As Bertrand Russel illustrated the problem of induction:
Domestic animals expect food when they see the person who usually feeds them. We know that all these rather crude expectations of uniformity are liable to be misleading. The man who has fed the chicken every day throughout its life at last wrings its neck instead, showing that more refined views as to the uniformity of nature would have been useful to the chicken.
If the chicken was asked on day 74 what will happen next, it would probably say that it would eat something delicious and do whatever chickens do all day. This is what happened for its entire life so far, so why would the next day be different? For a chicken, decapitation is as unexpected as for a business owner is the market crash or a natural disaster that leaves him without a penny. We can never be sure about the future and we should be careful not to trust predictions based on historical data too much.
Data in organization
The history of using data in business begins with the invention of writing. As soon as humans became able to write, writing was used in the process of exchange of goods. How much one has and what is the price; who owes whom, how much and when it is due. But just like other stories, the stories written on clay tablets, papyrus, sheepskin and finally on paper, this could be easily falsified on purpose or just by accident. Mostly the latter – when manually making a copy of a document and doing the calculation mentally, making a mistake is almost inevitable.
A big step in data analysis
Spreadsheets had an enormous impact on doing business and analyzing data. If you analyze numbers with pen and paper, there is a certain limit to what you can do. Creating a simple sum of 1000 sales from a year is a really tedious job and (as we said before) it’s very easy to make a mistake. But if you have a tool that automatically calculates large numbers – not 1000, but 10 000 or 100 000 entries – the moment you are writing them down, your appetite for more data to analyze can increase. And that was certainly the case: with Lotus123, and then Microsoft Excel working on personal computers, companies started to measure and analyze almost every aspect of production and delivery in order to optimize it, and the 1980s were a great renaissance of Taylorism. When having such a tool and so much data on hand, it’s really easy to feel like you know everything about the process you measure – how much time it takes to produce part X, how much time to take it from point A to point B, how much you pay the workers and what price you get when selling it at place Z.
The role of stories told by data
This first part of digital transformation is probably the most important one, when looking back into the history of analyzing business data. The tools used back then are still in use today (most of our financial and personal data today is stored in Excel files), but the most important change was done to the idea of what role data plays in the life of the company. And today, with more data coming from devices used in the process of production, and better tools for data tracking and analysis, we can easily be fooled by the great story they tell – the story about the past. And it’s the same story the chicken would tell the day before its decapitation: in the past 74 days there was no record of such an event, which would make it really improbable. So, is there a way to tell if the decapitation is coming?

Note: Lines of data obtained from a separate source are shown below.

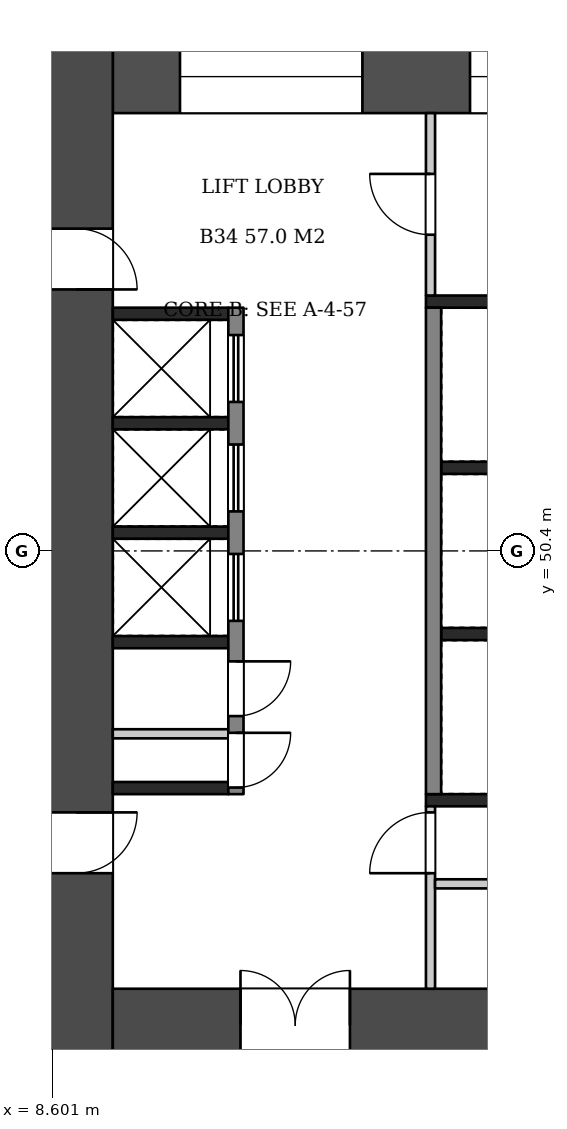
"""IFC4 building model, lengths in metres.
Left out: names, types, materials, properties, quantities, classifications, styles, units other than length and angle.
Written with IfcOpenShell. Run it as: python <this file> out.ifc"""

import sys

from ifc_helpers import new_model, si_unit, direction, frame, frame_2d, origin, place, context, subcontext, project, spatial, rectangle, extrude, element, fill, save


model = new_model("IFC4")
c1 = context("Model", 3, precision=1e-05, world=origin(), true_north=direction((0.0, 1.0)))
c2 = subcontext(c1, "Body", "Model", "MODEL_VIEW")
j1 = project(units=[si_unit("LENGTHUNIT", "METRE"), si_unit("PLANEANGLEUNIT", "RADIAN")], contexts=[c1])
p1 = place(None, origin())
s1 = spatial("IfcSite", under=j1, at=p1, CompositionType="ELEMENT")
p2 = place(p1, origin())
s2 = spatial("IfcBuilding", under=s1, at=p2, CompositionType="ELEMENT")
p3 = place(p2, frame((0.0, 0.0, 133.7)))
s3 = spatial("IfcBuildingStorey", under=s2, at=p3, CompositionType="ELEMENT", Elevation=133.7)
p4 = place(p3, frame((9.0, 58.8, 0.0), z_axis=(0.0, 0.0, 1.0), x_axis=(0.0, -1.0, 0.0)))
e1 = element("IfcWall", 1, at=p4, inside=s3, PredefinedType="SHEAR", context=c2, shape_type="SweptSolid", body=[
    extrude(rectangle(XDim=16.8, YDim=1.2, at=frame_2d((8.4, 0.0))), origin(), (0.0, 0.0, 1.0), 3.22),
])
p5 = place(p4, frame((3.1, 0.0, 0.0)))
e2 = element("IfcOpeningElement", 2, at=p5, cuts=e1, PredefinedType="OPENING", context=c2, shape_type="SweptSolid", body=[
    extrude(rectangle(XDim=1.0, YDim=2.1, at=frame_2d((0.5, 1.05))), frame((0.0, 0.61, 0.0), z_axis=(0.0, -1.0, 0.0), x_axis=(1.0, 0.0, 0.0)), (0.0, 0.0, 1.0), 1.22),
])
p6 = place(p4, frame((12.7, 0.0, 0.0)))
e3 = element("IfcOpeningElement", 3, at=p6, cuts=e1, PredefinedType="OPENING", context=c2, shape_type="SweptSolid", body=[
    extrude(rectangle(XDim=1.0, YDim=2.1, at=frame_2d((0.5, 1.05))), frame((0.0, 0.61, 0.0), z_axis=(0.0, -1.0, 0.0), x_axis=(1.0, 0.0, 0.0)), (0.0, 0.0, 1.0), 1.22),
])
p7 = place(p3, frame((9.6, 58.2, 0.0), z_axis=(0.0, 0.0, 1.0), x_axis=(1.0, 0.0, 0.0)))
e4 = element("IfcWall", 4, at=p7, inside=s3, PredefinedType="SHEAR", context=c2, shape_type="SweptSolid", body=[
    extrude(rectangle(XDim=14.4, YDim=1.2, at=frame_2d((7.2, 0.0))), origin(), (0.0, 0.0, 1.0), 3.22),
])
p8 = place(p7, frame((1.105, 0.0, 0.6)))
e5 = element("IfcOpeningElement", 5, at=p8, cuts=e4, PredefinedType="OPENING", context=c2, shape_type="SweptSolid", body=[
    extrude(rectangle(XDim=3.0, YDim=2.1, at=frame_2d((1.5, 1.05))), frame((0.0, 0.61, 0.0), z_axis=(0.0, -1.0, 0.0), x_axis=(1.0, 0.0, 0.0)), (0.0, 0.0, 1.0), 1.22),
])
p9 = place(p7, frame((5.875, 0.0, 0.6)))
e6 = element("IfcOpeningElement", 6, at=p9, cuts=e4, PredefinedType="OPENING", context=c2, shape_type="SweptSolid", body=[
    extrude(rectangle(XDim=2.4, YDim=2.1, at=frame_2d((1.2, 1.05))), frame((0.0, 0.61, 0.0), z_axis=(0.0, -1.0, 0.0), x_axis=(1.0, 0.0, 0.0)), (0.0, 0.0, 1.0), 1.22),
])
p10 = place(p7, frame((9.993, 0.0, 0.5)))
e7 = element("IfcOpeningElement", 7, at=p10, cuts=e4, PredefinedType="OPENING", context=c2, shape_type="SweptSolid", body=[
    extrude(rectangle(XDim=1.2, YDim=2.4, at=frame_2d((0.6, 1.2))), frame((0.0, 0.61, 0.0), z_axis=(0.0, -1.0, 0.0), x_axis=(1.0, 0.0, 0.0)), (0.0, 0.0, 1.0), 1.22),
])
p11 = place(p7, frame((12.197, 0.0, 0.5)))
e8 = element("IfcOpeningElement", 8, at=p11, cuts=e4, PredefinedType="OPENING", context=c2, shape_type="SweptSolid", body=[
    extrude(rectangle(XDim=1.2, YDim=2.4, at=frame_2d((0.6, 1.2))), frame((0.0, 0.61, 0.0), z_axis=(0.0, -1.0, 0.0), x_axis=(1.0, 0.0, 0.0)), (0.0, 0.0, 1.0), 1.22),
])
p12 = place(p3, frame((9.6, 42.6, 0.0), z_axis=(0.0, 0.0, 1.0), x_axis=(1.0, 0.0, 0.0)))
e9 = element("IfcWall", 9, at=p12, inside=s3, PredefinedType="SHEAR", context=c2, shape_type="SweptSolid", body=[
    extrude(rectangle(XDim=14.4, YDim=1.2, at=frame_2d((7.2, 0.0))), origin(), (0.0, 0.0, 1.0), 3.22),
])
p13 = place(p12, frame((2.1, 0.0, 0.0)))
e10 = element("IfcOpeningElement", 10, at=p13, cuts=e9, PredefinedType="OPENING", context=c2, shape_type="SweptSolid", body=[
    extrude(rectangle(XDim=1.8, YDim=2.1, at=frame_2d((0.9, 1.05))), frame((0.0, 0.61, 0.0), z_axis=(0.0, -1.0, 0.0), x_axis=(1.0, 0.0, 0.0)), (0.0, 0.0, 1.0), 1.22),
])
for number, where, z_axis, x_axis in (
    (11, (9.6, 54.3, 0.0), (0.0, 0.0, 1.0), (1.0, 0.0, 0.0)),
    (12, (9.6, 52.5, 0.0), (0.0, 0.0, 1.0), (1.0, 0.0, 0.0)),
    (13, (9.6, 50.7, 0.0), (0.0, 0.0, 1.0), (1.0, 0.0, 0.0)),
    (14, (9.6, 48.9, 0.0), (0.0, 0.0, 1.0), (1.0, 0.0, 0.0)),
    (15, (9.6, 46.5, 0.0), (0.0, 0.0, 1.0), (1.0, 0.0, 0.0)),
):
    element("IfcWall", number, at=place(p3, frame(where, z_axis=z_axis, x_axis=x_axis)), inside=s3, PredefinedType="SHEAR", context=c2, shape_type="SweptSolid", body=[
        extrude(rectangle(XDim=1.9, YDim=0.2, at=frame_2d((0.95, 0.0))), origin(), (0.0, 0.0, 1.0), 3.22),
    ])
p14 = place(p3, frame((9.6, 47.393, 0.0), z_axis=(0.0, 0.0, 1.0), x_axis=(1.0, 0.0, 0.0)))
e16 = element("IfcWall", 16, at=p14, inside=s3, PredefinedType="PARTITIONING", context=c2, shape_type="SweptSolid", body=[
    extrude(rectangle(XDim=1.9, YDim=0.15, at=frame_2d((0.95, 0.0))), origin(), (0.0, 0.0, 1.0), 3.22),
])
p15 = place(p3, frame((11.625, 54.4, 0.0), z_axis=(0.0, 0.0, 1.0), x_axis=(0.0, -1.0, 0.0)))
e17 = element("IfcWall", 17, at=p15, inside=s3, PredefinedType="SHEAR", context=c2, shape_type="SweptSolid", body=[
    extrude(rectangle(XDim=8.0, YDim=0.25, at=frame_2d((4.0, 0.0))), origin(), (0.0, 0.0, 1.0), 3.22),
])
p16 = place(p15, frame((0.45, 0.0, 0.0)))
e18 = element("IfcOpeningElement", 18, at=p16, cuts=e17, PredefinedType="OPENING", context=c2, shape_type="SweptSolid", body=[
    extrude(rectangle(XDim=1.1, YDim=2.1, at=frame_2d((0.55, 1.05))), frame((0.0, 0.135, 0.0), z_axis=(0.0, -1.0, 0.0), x_axis=(1.0, 0.0, 0.0)), (0.0, 0.0, 1.0), 0.27),
])
p17 = place(p15, frame((2.25, 0.0, 0.0)))
e19 = element("IfcOpeningElement", 19, at=p17, cuts=e17, PredefinedType="OPENING", context=c2, shape_type="SweptSolid", body=[
    extrude(rectangle(XDim=1.1, YDim=2.1, at=frame_2d((0.55, 1.05))), frame((0.0, 0.135, 0.0), z_axis=(0.0, -1.0, 0.0), x_axis=(1.0, 0.0, 0.0)), (0.0, 0.0, 1.0), 0.27),
])
p18 = place(p15, frame((4.05, 0.0, 0.0)))
e20 = element("IfcOpeningElement", 20, at=p18, cuts=e17, PredefinedType="OPENING", context=c2, shape_type="SweptSolid", body=[
    extrude(rectangle(XDim=1.1, YDim=2.1, at=frame_2d((0.55, 1.05))), frame((0.0, 0.135, 0.0), z_axis=(0.0, -1.0, 0.0), x_axis=(1.0, 0.0, 0.0)), (0.0, 0.0, 1.0), 0.27),
])
p19 = place(p15, frame((5.816, 0.0, 0.0)))
e21 = element("IfcOpeningElement", 21, at=p19, cuts=e17, PredefinedType="OPENING", context=c2, shape_type="SweptSolid", body=[
    extrude(rectangle(XDim=0.9, YDim=2.1, at=frame_2d((0.45, 1.05))), frame((0.0, 0.135, 0.0), z_axis=(0.0, -1.0, 0.0), x_axis=(1.0, 0.0, 0.0)), (0.0, 0.0, 1.0), 0.27),
])
p20 = place(p15, frame((6.991, 0.0, 0.0)))
e22 = element("IfcOpeningElement", 22, at=p20, cuts=e17, PredefinedType="OPENING", context=c2, shape_type="SweptSolid", body=[
    extrude(rectangle(XDim=0.9, YDim=2.1, at=frame_2d((0.45, 1.05))), frame((0.0, 0.135, 0.0), z_axis=(0.0, -1.0, 0.0), x_axis=(1.0, 0.0, 0.0)), (0.0, 0.0, 1.0), 0.27),
])
for number, where, z_axis, x_axis in (
    (23, (15.0, 51.767, 0.0), (0.0, 0.0, 1.0), (1.0, 0.0, 0.0)),
    (24, (15.0, 49.033, 0.0), (0.0, 0.0, 1.0), (1.0, 0.0, 0.0)),
):
    element("IfcWall", number, at=place(p3, frame(where, z_axis=z_axis, x_axis=x_axis)), inside=s3, PredefinedType="SHEAR", context=c2, shape_type="SweptSolid", body=[
        extrude(rectangle(XDim=1.9, YDim=0.2, at=frame_2d((0.95, 0.0))), origin(), (0.0, 0.0, 1.0), 3.22),
    ])
p21 = place(p3, frame((14.875, 54.4, 0.0), z_axis=(0.0, 0.0, 1.0), x_axis=(0.0, -1.0, 0.0)))
e25 = element("IfcWall", 25, at=p21, inside=s3, PredefinedType="SHEAR", context=c2, shape_type="SweptSolid", body=[
    extrude(rectangle(XDim=8.0, YDim=0.25, at=frame_2d((4.0, 0.0))), origin(), (0.0, 0.0, 1.0), 3.22),
])
p22 = place(p3, frame((14.75, 54.5, 0.0), z_axis=(0.0, 0.0, 1.0), x_axis=(1.0, 0.0, 0.0)))
e26 = element("IfcWall", 26, at=p22, inside=s3, PredefinedType="SHEAR", context=c2, shape_type="SweptSolid", body=[
    extrude(rectangle(XDim=2.4, YDim=0.2, at=frame_2d((1.2, 0.0))), origin(), (0.0, 0.0, 1.0), 3.22),
])
p23 = place(p3, frame((14.825, 57.6, 0.0), z_axis=(0.0, 0.0, 1.0), x_axis=(0.0, -1.0, 0.0)))
e27 = element("IfcWall", 27, at=p23, inside=s3, PredefinedType="PARTITIONING", context=c2, shape_type="SweptSolid", body=[
    extrude(rectangle(XDim=3.0, YDim=0.15, at=frame_2d((1.5, 0.0))), origin(), (0.0, 0.0, 1.0), 3.22),
])
p24 = place(p23, frame((1.0, 0.0, 0.0)))
e28 = element("IfcOpeningElement", 28, at=p24, cuts=e27, PredefinedType="OPENING", context=c2, shape_type="SweptSolid", body=[
    extrude(rectangle(XDim=1.0, YDim=2.1, at=frame_2d((0.5, 1.05))), frame((0.0, 0.085, 0.0), z_axis=(0.0, -1.0, 0.0), x_axis=(1.0, 0.0, 0.0)), (0.0, 0.0, 1.0), 0.17),
])
p25 = place(p3, frame((14.75, 46.3, 0.0), z_axis=(0.0, 0.0, 1.0), x_axis=(1.0, 0.0, 0.0)))
e29 = element("IfcWall", 29, at=p25, inside=s3, PredefinedType="SHEAR", context=c2, shape_type="SweptSolid", body=[
    extrude(rectangle(XDim=9.25, YDim=0.2, at=frame_2d((4.625, 0.0))), origin(), (0.0, 0.0, 1.0), 3.22),
])
p26 = place(p3, frame((14.825, 46.2, 0.0), z_axis=(0.0, 0.0, 1.0), x_axis=(0.0, -1.0, 0.0)))
e30 = element("IfcWall", 30, at=p26, inside=s3, PredefinedType="PARTITIONING", context=c2, shape_type="SweptSolid", body=[
    extrude(rectangle(XDim=3.0, YDim=0.15, at=frame_2d((1.5, 0.0))), origin(), (0.0, 0.0, 1.0), 3.22),
])
p27 = place(p26, frame((0.1, 0.0, 0.0)))
e31 = element("IfcOpeningElement", 31, at=p27, cuts=e30, PredefinedType="OPENING", context=c2, shape_type="SweptSolid", body=[
    extrude(rectangle(XDim=1.0, YDim=2.1, at=frame_2d((0.5, 1.05))), frame((0.0, 0.085, 0.0), z_axis=(0.0, -1.0, 0.0), x_axis=(1.0, 0.0, 0.0)), (0.0, 0.0, 1.0), 0.17),
])
p28 = place(p3, frame((14.9, 44.925, 0.0), z_axis=(0.0, 0.0, 1.0), x_axis=(1.0, 0.0, 0.0)))
e32 = element("IfcWall", 32, at=p28, inside=s3, PredefinedType="PARTITIONING", context=c2, shape_type="SweptSolid", body=[
    extrude(rectangle(XDim=9.1, YDim=0.15, at=frame_2d((4.55, 0.0))), origin(), (0.0, 0.0, 1.0), 3.22),
])
p29 = place(p28, frame((2.633, 0.0, 0.0)))
e33 = element("IfcOpeningElement", 33, at=p29, cuts=e32, PredefinedType="OPENING", context=c2, shape_type="SweptSolid", body=[
    extrude(rectangle(XDim=1.0, YDim=2.1, at=frame_2d((0.5, 1.05))), frame((0.0, 0.085, 0.0), z_axis=(0.0, -1.0, 0.0), x_axis=(1.0, 0.0, 0.0)), (0.0, 0.0, 1.0), 0.17),
])
p30 = place(p28, frame((7.308, 0.0, 0.0)))
e34 = element("IfcOpeningElement", 34, at=p30, cuts=e32, PredefinedType="OPENING", context=c2, shape_type="SweptSolid", body=[
    extrude(rectangle(XDim=0.9, YDim=2.1, at=frame_2d((0.45, 1.05))), frame((0.0, 0.085, 0.0), z_axis=(0.0, -1.0, 0.0), x_axis=(1.0, 0.0, 0.0)), (0.0, 0.0, 1.0), 0.17),
])
p31 = place(p5, origin())
e35 = element("IfcDoor", 35, at=p31, inside=s3, OperationType="SINGLE_SWING_RIGHT", PredefinedType="DOOR", context=c2, shape_type="SweptSolid", body=[
    extrude(rectangle(XDim=1.0, YDim=2.1, at=frame_2d((0.5, 1.05))), frame((0.0, 0.025, 0.0), z_axis=(0.0, -1.0, 0.0), x_axis=(1.0, 0.0, 0.0)), (0.0, 0.0, 1.0), 0.05),
])
fill(e2, e35)
p32 = place(p6, origin())
e36 = element("IfcDoor", 36, at=p32, inside=s3, OperationType="SINGLE_SWING_LEFT", PredefinedType="DOOR", context=c2, shape_type="SweptSolid", body=[
    extrude(rectangle(XDim=1.0, YDim=2.1, at=frame_2d((0.5, 1.05))), frame((0.0, 0.025, 0.0), z_axis=(0.0, -1.0, 0.0), x_axis=(1.0, 0.0, 0.0)), (0.0, 0.0, 1.0), 0.05),
])
fill(e3, e36)
p33 = place(p13, origin())
e37 = element("IfcDoor", 37, at=p33, inside=s3, OperationType="DOUBLE_DOOR_SINGLE_SWING", PredefinedType="DOOR", context=c2, shape_type="SweptSolid", body=[
    extrude(rectangle(XDim=1.8, YDim=2.1, at=frame_2d((0.9, 1.05))), frame((0.0, 0.025, 0.0), z_axis=(0.0, -1.0, 0.0), x_axis=(1.0, 0.0, 0.0)), (0.0, 0.0, 1.0), 0.05),
])
fill(e10, e37)
p34 = place(p16, origin())
e38 = element("IfcDoor", 38, at=p34, inside=s3, OperationType="DOUBLE_DOOR_SLIDING", PredefinedType="DOOR", context=c2, shape_type="SweptSolid", body=[
    extrude(rectangle(XDim=1.1, YDim=2.1, at=frame_2d((0.55, 1.05))), frame((0.0, 0.025, 0.0), z_axis=(0.0, -1.0, 0.0), x_axis=(1.0, 0.0, 0.0)), (0.0, 0.0, 1.0), 0.05),
])
fill(e18, e38)
p35 = place(p17, origin())
e39 = element("IfcDoor", 39, at=p35, inside=s3, OperationType="DOUBLE_DOOR_SLIDING", PredefinedType="DOOR", context=c2, shape_type="SweptSolid", body=[
    extrude(rectangle(XDim=1.1, YDim=2.1, at=frame_2d((0.55, 1.05))), frame((0.0, 0.025, 0.0), z_axis=(0.0, -1.0, 0.0), x_axis=(1.0, 0.0, 0.0)), (0.0, 0.0, 1.0), 0.05),
])
fill(e19, e39)
p36 = place(p18, origin())
e40 = element("IfcDoor", 40, at=p36, inside=s3, OperationType="DOUBLE_DOOR_SLIDING", PredefinedType="DOOR", context=c2, shape_type="SweptSolid", body=[
    extrude(rectangle(XDim=1.1, YDim=2.1, at=frame_2d((0.55, 1.05))), frame((0.0, 0.025, 0.0), z_axis=(0.0, -1.0, 0.0), x_axis=(1.0, 0.0, 0.0)), (0.0, 0.0, 1.0), 0.05),
])
fill(e20, e40)
p37 = place(p19, origin())
e41 = element("IfcDoor", 41, at=p37, inside=s3, OperationType="SINGLE_SWING_LEFT", PredefinedType="DOOR", context=c2, shape_type="SweptSolid", body=[
    extrude(rectangle(XDim=0.9, YDim=2.1, at=frame_2d((0.45, 1.05))), frame((0.0, 0.025, 0.0), z_axis=(0.0, -1.0, 0.0), x_axis=(1.0, 0.0, 0.0)), (0.0, 0.0, 1.0), 0.05),
])
fill(e21, e41)
p38 = place(p20, origin())
e42 = element("IfcDoor", 42, at=p38, inside=s3, OperationType="SINGLE_SWING_LEFT", PredefinedType="DOOR", context=c2, shape_type="SweptSolid", body=[
    extrude(rectangle(XDim=0.9, YDim=2.1, at=frame_2d((0.45, 1.05))), frame((0.0, 0.025, 0.0), z_axis=(0.0, -1.0, 0.0), x_axis=(1.0, 0.0, 0.0)), (0.0, 0.0, 1.0), 0.05),
])
fill(e22, e42)
p39 = place(p24, frame((1.0, 0.0, 0.0), z_axis=(0.0, 0.0, 1.0), x_axis=(-1.0, 0.0, 0.0)))
e43 = element("IfcDoor", 43, at=p39, inside=s3, OperationType="SINGLE_SWING_RIGHT", PredefinedType="DOOR", context=c2, shape_type="SweptSolid", body=[
    extrude(rectangle(XDim=1.0, YDim=2.1, at=frame_2d((0.5, 1.05))), frame((0.0, 0.025, 0.0), z_axis=(0.0, -1.0, 0.0), x_axis=(1.0, 0.0, 0.0)), (0.0, 0.0, 1.0), 0.05),
])
fill(e28, e43)
p40 = place(p27, frame((1.0, 0.0, 0.0), z_axis=(0.0, 0.0, 1.0), x_axis=(-1.0, 0.0, 0.0)))
e44 = element("IfcDoor", 44, at=p40, inside=s3, OperationType="SINGLE_SWING_LEFT", PredefinedType="DOOR", context=c2, shape_type="SweptSolid", body=[
    extrude(rectangle(XDim=1.0, YDim=2.1, at=frame_2d((0.5, 1.05))), frame((0.0, 0.025, 0.0), z_axis=(0.0, -1.0, 0.0), x_axis=(1.0, 0.0, 0.0)), (0.0, 0.0, 1.0), 0.05),
])
fill(e31, e44)
p41 = place(p8, origin())
e45 = element("IfcWindow", 45, at=p41, inside=s3, PartitioningType="SINGLE_PANEL", PredefinedType="WINDOW", context=c2, shape_type="SweptSolid", body=[
    extrude(rectangle(XDim=3.0, YDim=2.1, at=frame_2d((1.5, 1.05))), frame((0.0, 0.03, 0.0), z_axis=(0.0, -1.0, 0.0), x_axis=(1.0, 0.0, 0.0)), (0.0, 0.0, 1.0), 0.06),
])
fill(e5, e45)
p42 = place(p9, origin())
e46 = element("IfcWindow", 46, at=p42, inside=s3, PartitioningType="SINGLE_PANEL", PredefinedType="WINDOW", context=c2, shape_type="SweptSolid", body=[
    extrude(rectangle(XDim=2.4, YDim=2.1, at=frame_2d((1.2, 1.05))), frame((0.0, 0.03, 0.0), z_axis=(0.0, -1.0, 0.0), x_axis=(1.0, 0.0, 0.0)), (0.0, 0.0, 1.0), 0.06),
])
fill(e6, e46)
save(model, sys.argv[1])

Prediction models for the unmeasurable
The fact that the chicken hasn’t observed any event of decapitation of a chicken before, doesn’t make the decapitation non-existent. And that’s the first lesson of working with prediction models — they are as good as the amount of data we use to build them. Even if we have large amounts of data, of different types and sources, and we manage to calculate the probability of a certain event within a certain time, this is never the whole picture. Only one missing parameter can significantly change the outcome of a model, especially when we ask a slightly different question.
The risk analysis
But even if we’ve asked the right questions, gathered all the data and properly calculated the probability, this doesn’t resolve all the problems. Frank Knight, an American economist, made a distinction between risk and uncertainty. Risk is calculated for a class of objects. When we are thinking about opening a restaurant in a small town, we can build a prediction to answer the question “Will it work?”. First, we can build a model based on the history of restaurants in that town, which will tell us that 80% of all restaurants that ever existed went out of business within the first two years. That gives us an 8:2 chance we will go bankrupt. However, we wanted to run a pizza place, and most of the bankrupt restaurants did not serve pizza, and from the remaining 20% almost all made it. That gives us, let’s say, 7:3 chances that making pizza is the key to our business success. But the only place we can rent for this business is in the part of town where almost all the restaurants that went bankrupt in the last 5 years were placed, etc.
Data set is the key
So, all the models answer the question about a certain class: a set of restaurants, a set of pizza restaurants and a set of restaurants in a certain part of town. However it would be rational to review our business plan based on these models, they don’t describe our future restaurant. There is no way of calculating the probability of a unique event. This is the field of uncertainty. Uncertainty can’t be measured and calculated, because it has almost nothing to do with what happened in the past and what can be observed in the data. You can’t calculate how profitable the production of personal computers will be where there is no such thing as a personal computer yet.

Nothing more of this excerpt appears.